In diesem Fall würde ich die Mittelwerte in PHP in der Schleife ausrechnen und einen Gruppenwechsel über das Feld Stunde programmieren.

LG


----------



## katosan (19. Dezember 2008)

ja aber das sql macht doch genau das es berechnet für jede stunde den mittelwert


----------



## kuddeldaddeldu (19. Dezember 2008)

Hi,



katosan hat gesagt.:


> ja aber das sql macht doch genau das es berechnet für jede stunde den mittelwert



er möchte aber für jede Stunde alle 4 Datensätze anzeigen. Die hat er aber bei einer Gruppierung nicht. D.h. er braucht auf jeden Fall eine nicht gruppierte Abfrage und dann kann er die Mittelwerte auch in der Schleife per PHP ausrechnen.

LG


----------



## katosan (19. Dezember 2008)

kuddeldaddeldu hat gesagt.:


> Hi,
> 
> 
> 
> ...




Hi,

ist natürlich ein Argument, wobei zwei SQL - Statements warscheinlich auch nicht signifikant lagsamer sind.

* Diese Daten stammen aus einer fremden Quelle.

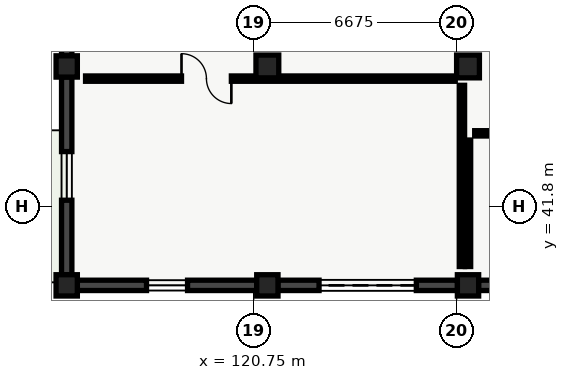
"""IFC4 building model, lengths in metres.
Left out: names, types, materials, properties, quantities, classifications, styles, units other than length and angle.
Written with IfcOpenShell. Run it as: python <this file> out.ifc"""

import sys

from ifc_helpers import new_model, si_unit, direction, frame, frame_2d, origin, origin_2d, place, context, subcontext, project, spatial, rectangle, extrude, element, fill, save


model = new_model("IFC4")
c1 = context("Model", 3, precision=1e-05, world=origin(), true_north=direction((0.0, 1.0)))
c2 = subcontext(c1, "Body", "Model", "MODEL_VIEW")
j1 = project(units=[si_unit("LENGTHUNIT", "METRE"), si_unit("PLANEANGLEUNIT", "RADIAN")], contexts=[c1])
p1 = place(None, origin())
s1 = spatial("IfcSite", under=j1, at=p1, CompositionType="ELEMENT")
p2 = place(p1, origin())
s2 = spatial("IfcBuilding", under=s1, at=p2, CompositionType="ELEMENT")
p3 = place(p2, origin())
s3 = spatial("IfcBuildingStorey", under=s2, at=p3, CompositionType="ELEMENT", Elevation=0.0)
for number, where, z_axis, x_axis in (
    (1, (114.6, 39.2, 0.0), (0.0, 0.0, 1.0), (1.0, 0.0, 0.0)),
    (2, (114.6, 46.4, 0.0), (0.0, 0.0, 1.0), (1.0, 0.0, 0.0)),
    (3, (121.2, 39.2, 0.0), (0.0, 0.0, 1.0), (1.0, 0.0, 0.0)),
):
    element("IfcColumn", number, at=place(p3, frame(where, z_axis=z_axis, x_axis=x_axis)), inside=s3, PredefinedType="COLUMN", context=c2, shape_type="SweptSolid", body=[
        extrude(rectangle(XDim=0.7, YDim=0.7, at=origin_2d()), origin(), (0.0, 0.0, 1.0), 4.9),
    ])
p4 = place(p3, frame((121.2, 46.4, 0.0), z_axis=(0.0, 0.0, 1.0), x_axis=(1.0, 0.0, 0.0)))
e4 = element("IfcColumn", 4, at=p4, inside=s3, PredefinedType="COLUMN", context=c2, shape_type="SweptSolid", body=[
    extrude(rectangle(XDim=0.75, YDim=0.75, at=origin_2d()), origin(), (0.0, 0.0, 1.0), 4.9),
])
p5 = place(p3, frame((127.8, 39.2, 0.0), z_axis=(0.0, 0.0, 1.0), x_axis=(1.0, 0.0, 0.0)))
e5 = element("IfcColumn", 5, at=p5, inside=s3, PredefinedType="COLUMN", context=c2, shape_type="SweptSolid", body=[
    extrude(rectangle(XDim=0.7, YDim=0.7, at=origin_2d()), origin(), (0.0, 0.0, 1.0), 4.9),
])
p6 = place(p3, frame((127.8, 46.4, 0.0), z_axis=(0.0, 0.0, 1.0), x_axis=(1.0, 0.0, 0.0)))
e6 = element("IfcColumn", 6, at=p6, inside=s3, PredefinedType="COLUMN", context=c2, shape_type="SweptSolid", body=[
    extrude(rectangle(XDim=0.75, YDim=0.75, at=origin_2d()), origin(), (0.0, 0.0, 1.0), 4.9),
])
p7 = place(p3, frame((114.6, 39.545, 0.0), z_axis=(0.0, 0.0, 1.0), x_axis=(0.0, 1.0, 0.0)))
e7 = element("IfcWall", 7, at=p7, inside=s3, PredefinedType="SOLIDWALL", context=c2, shape_type="SweptSolid", body=[
    extrude(rectangle(XDim=6.51, YDim=0.34, at=frame_2d((3.255, 0.0))), origin(), (0.0, 0.0, 1.0), 4.435),
])
p8 = place(p7, frame((2.455, 0.0, 0.95)))
e8 = element("IfcOpeningElement", 8, at=p8, cuts=e7, PredefinedType="OPENING", context=c2, shape_type="SweptSolid", body=[
    extrude(rectangle(XDim=1.6, YDim=1.4, at=frame_2d((0.8, 0.7))), frame((0.0, 0.17, 0.0), z_axis=(0.0, -1.0, 0.0), x_axis=(1.0, 0.0, 0.0)), (0.0, 0.0, 1.0), 0.34),
])
p9 = place(p3, frame((114.6, 46.745, 0.0), z_axis=(0.0, 0.0, 1.0), x_axis=(0.0, 1.0, 0.0)))
e9 = element("IfcWall", 9, at=p9, inside=s3, PredefinedType="SOLIDWALL", context=c2, shape_type="SweptSolid", body=[
    extrude(rectangle(XDim=6.51, YDim=0.34, at=frame_2d((3.255, 0.0))), origin(), (0.0, 0.0, 1.0), 4.435),
])
p10 = place(p9, frame((2.58, 0.0, 0.95)))
e10 = element("IfcOpeningElement", 10, at=p10, cuts=e9, PredefinedType="OPENING", context=c2, shape_type="SweptSolid", body=[
    extrude(rectangle(XDim=1.35, YDim=1.8, at=frame_2d((0.675, 0.9))), frame((0.0, 0.17, 0.0), z_axis=(0.0, -1.0, 0.0), x_axis=(1.0, 0.0, 0.0)), (0.0, 0.0, 1.0), 0.34),
])
p11 = place(p3, frame((134.055, 39.2, 0.0), z_axis=(0.0, 0.0, 1.0), x_axis=(-1.0, 0.0, 0.0)))
e11 = element("IfcWall", 11, at=p11, inside=s3, PredefinedType="SOLIDWALL", context=c2, shape_type="SweptSolid", body=[
    extrude(rectangle(XDim=5.91, YDim=0.34, at=frame_2d((2.955, 0.0))), origin(), (0.0, 0.0, 1.0), 4.435),
])
p12 = place(p11, frame((1.255, 0.0, 0.0)))
e12 = element("IfcOpeningElement", 12, at=p12, cuts=e11, PredefinedType="OPENING", context=c2, shape_type="SweptSolid", body=[
    extrude(rectangle(XDim=3.4, YDim=3.1, at=frame_2d((1.7, 1.55))), frame((0.0, 0.17, 0.0), z_axis=(0.0, -1.0, 0.0), x_axis=(1.0, 0.0, 0.0)), (0.0, 0.0, 1.0), 0.34),
])
p13 = place(p3, frame((127.455, 39.2, 0.0), z_axis=(0.0, 0.0, 1.0), x_axis=(-1.0, 0.0, 0.0)))
e13 = element("IfcWall", 13, at=p13, inside=s3, PredefinedType="SOLIDWALL", context=c2, shape_type="SweptSolid", body=[
    extrude(rectangle(XDim=5.91, YDim=0.34, at=frame_2d((2.955, 0.0))), origin(), (0.0, 0.0, 1.0), 4.435),
])
p14 = place(p13, frame((1.355, 0.0, 0.0)))
e14 = element("IfcOpeningElement", 14, at=p14, cuts=e13, PredefinedType="OPENING", context=c2, shape_type="SweptSolid", body=[
    extrude(rectangle(XDim=3.2, YDim=3.0, at=frame_2d((1.6, 1.5))), frame((0.0, 0.17, 0.0), z_axis=(0.0, -1.0, 0.0), x_axis=(1.0, 0.0, 0.0)), (0.0, 0.0, 1.0), 0.34),
])
p15 = place(p3, frame((120.855, 39.2, 0.0), z_axis=(0.0, 0.0, 1.0), x_axis=(-1.0, 0.0, 0.0)))
e15 = element("IfcWall", 15, at=p15, inside=s3, PredefinedType="SOLIDWALL", context=c2, shape_type="SweptSolid", body=[
    extrude(rectangle(XDim=5.91, YDim=0.34, at=frame_2d((2.955, 0.0))), origin(), (0.0, 0.0, 1.0), 4.435),
])
p16 = place(p15, frame((2.28, 0.0, 0.95)))
e16 = element("IfcOpeningElement", 16, at=p16, cuts=e15, PredefinedType="OPENING", context=c2, shape_type="SweptSolid", body=[
    extrude(rectangle(XDim=1.35, YDim=1.8, at=frame_2d((0.675, 0.9))), frame((0.0, 0.17, 0.0), z_axis=(0.0, -1.0, 0.0), x_axis=(1.0, 0.0, 0.0)), (0.0, 0.0, 1.0), 0.34),
])
p17 = place(p3, frame((127.6, 39.82, 0.0), z_axis=(0.0, 0.0, 1.0), x_axis=(0.0, 1.0, 0.0)))
e17 = element("IfcWall", 17, at=p17, inside=s3, PredefinedType="SOLIDWALL", context=c2, shape_type="SweptSolid", body=[
    extrude(rectangle(XDim=5.96, YDim=0.175, at=frame_2d((2.98, 0.0))), origin(), (0.0, 0.0, 1.0), 4.235),
])
p18 = place(p3, frame((127.38, 46.0, 0.0), z_axis=(0.0, 0.0, 1.0), x_axis=(-1.0, 0.0, 0.0)))
e18 = element("IfcWall", 18, at=p18, inside=s3, PredefinedType="SOLIDWALL", context=c2, shape_type="SweptSolid", body=[
    extrude(rectangle(XDim=12.16, YDim=0.175, at=frame_2d((6.08, 0.0))), origin(), (0.0, 0.0, 1.0), 4.55),
])
p19 = place(p18, frame((7.364, 0.0, 0.0)))
e19 = element("IfcOpeningElement", 19, at=p19, cuts=e18, PredefinedType="OPENING", context=c2, shape_type="SweptSolid", body=[
    extrude(rectangle(XDim=1.64, YDim=2.2, at=frame_2d((0.82, 1.1))), frame((0.0, 0.087, 0.0), z_axis=(0.0, -1.0, 0.0), x_axis=(1.0, 0.0, 0.0)), (0.0, 0.0, 1.0), 0.175),
])
p20 = place(p3, frame((140.78, 44.2, 0.0), z_axis=(0.0, 0.0, 1.0), x_axis=(-1.0, 0.0, 0.0)))
e20 = element("IfcWall", 20, at=p20, inside=s3, PredefinedType="SOLIDWALL", context=c2, shape_type="SweptSolid", body=[
    extrude(rectangle(XDim=12.76, YDim=0.175, at=frame_2d((6.38, 0.0))), origin(), (0.0, 0.0, 1.0), 4.485),
])
p21 = place(p20, frame((5.56, 0.0, 0.0)))
e21 = element("IfcOpeningElement", 21, at=p21, cuts=e20, PredefinedType="OPENING", context=c2, shape_type="SweptSolid", body=[
    extrude(rectangle(XDim=1.64, YDim=2.2, at=frame_2d((0.82, 1.1))), frame((0.0, 0.087, 0.0), z_axis=(0.0, -1.0, 0.0), x_axis=(1.0, 0.0, 0.0)), (0.0, 0.0, 1.0), 0.175),
])
p22 = place(p3, frame((127.8, 43.98, 0.0), z_axis=(0.0, 0.0, 1.0), x_axis=(0.0, -1.0, 0.0)))
e22 = element("IfcWall", 22, at=p22, inside=s3, PredefinedType="SOLIDWALL", context=c2, shape_type="SweptSolid", body=[
    extrude(rectangle(XDim=4.16, YDim=0.175, at=frame_2d((2.08, 0.0))), origin(), (0.0, 0.0, 1.0), 4.235),
])
p23 = place(p8, origin())
e23 = element("IfcWindow", 23, at=p23, inside=s3, PartitioningType="SINGLE_PANEL", PredefinedType="WINDOW", context=c2, shape_type="SweptSolid", body=[
    extrude(rectangle(XDim=1.6, YDim=1.4, at=frame_2d((0.8, 0.7))), frame((0.0, 0.03, 0.0), z_axis=(0.0, -1.0, 0.0), x_axis=(1.0, 0.0, 0.0)), (0.0, 0.0, 1.0), 0.06),
])
fill(e8, e23)
p24 = place(p14, origin())
e24 = element("IfcDoor", 24, at=p24, inside=s3, OperationType="ROLLINGUP", PredefinedType="GATE", context=c2, shape_type="SweptSolid", body=[
    extrude(rectangle(XDim=3.2, YDim=3.0, at=frame_2d((1.6, 1.5))), frame((0.0, 0.025, 0.0), z_axis=(0.0, -1.0, 0.0), x_axis=(1.0, 0.0, 0.0)), (0.0, 0.0, 1.0), 0.05),
])
fill(e14, e24)
p25 = place(p16, origin())
e25 = element("IfcWindow", 25, at=p25, inside=s3, PartitioningType="SINGLE_PANEL", PredefinedType="WINDOW", context=c2, shape_type="SweptSolid", body=[
    extrude(rectangle(XDim=1.35, YDim=1.8, at=frame_2d((0.675, 0.9))), frame((0.0, 0.03, 0.0), z_axis=(0.0, -1.0, 0.0), x_axis=(1.0, 0.0, 0.0)), (0.0, 0.0, 1.0), 0.06),
])
fill(e16, e25)
p26 = place(p19, origin())
e26 = element("IfcDoor", 26, at=p26, inside=s3, OperationType="DOUBLE_DOOR_SINGLE_SWING", PredefinedType="DOOR", context=c2, shape_type="SweptSolid", body=[
    extrude(rectangle(XDim=1.64, YDim=2.2, at=frame_2d((0.82, 1.1))), frame((0.0, 0.025, 0.0), z_axis=(0.0, -1.0, 0.0), x_axis=(1.0, 0.0, 0.0)), (0.0, 0.0, 1.0), 0.05),
])
fill(e19, e26)
save(model, sys.argv[1])

Die Frage wäre natürlich jetzt ob nicht auch die anderen Daten  stundenweise gruppiert werden sollen sonst wird die Tabelle wohl doch etwas länglich.

Gruß

katosan


----------



## trexis5 (20. Dezember 2008)

Hi,

erstmal vielen Dank für die vielen Antworten.

Also ist das auf alle Fälle nicht mal schnell gemacht.
Muss ich mal sehen ob ich da was hinbekomme.
Ich melde mich wieder.


----------



## spikaner (20. Dezember 2008)

Könnte es nicht so auch funktionieren? (Sprich über die ID da diese ja auto_increment ist...)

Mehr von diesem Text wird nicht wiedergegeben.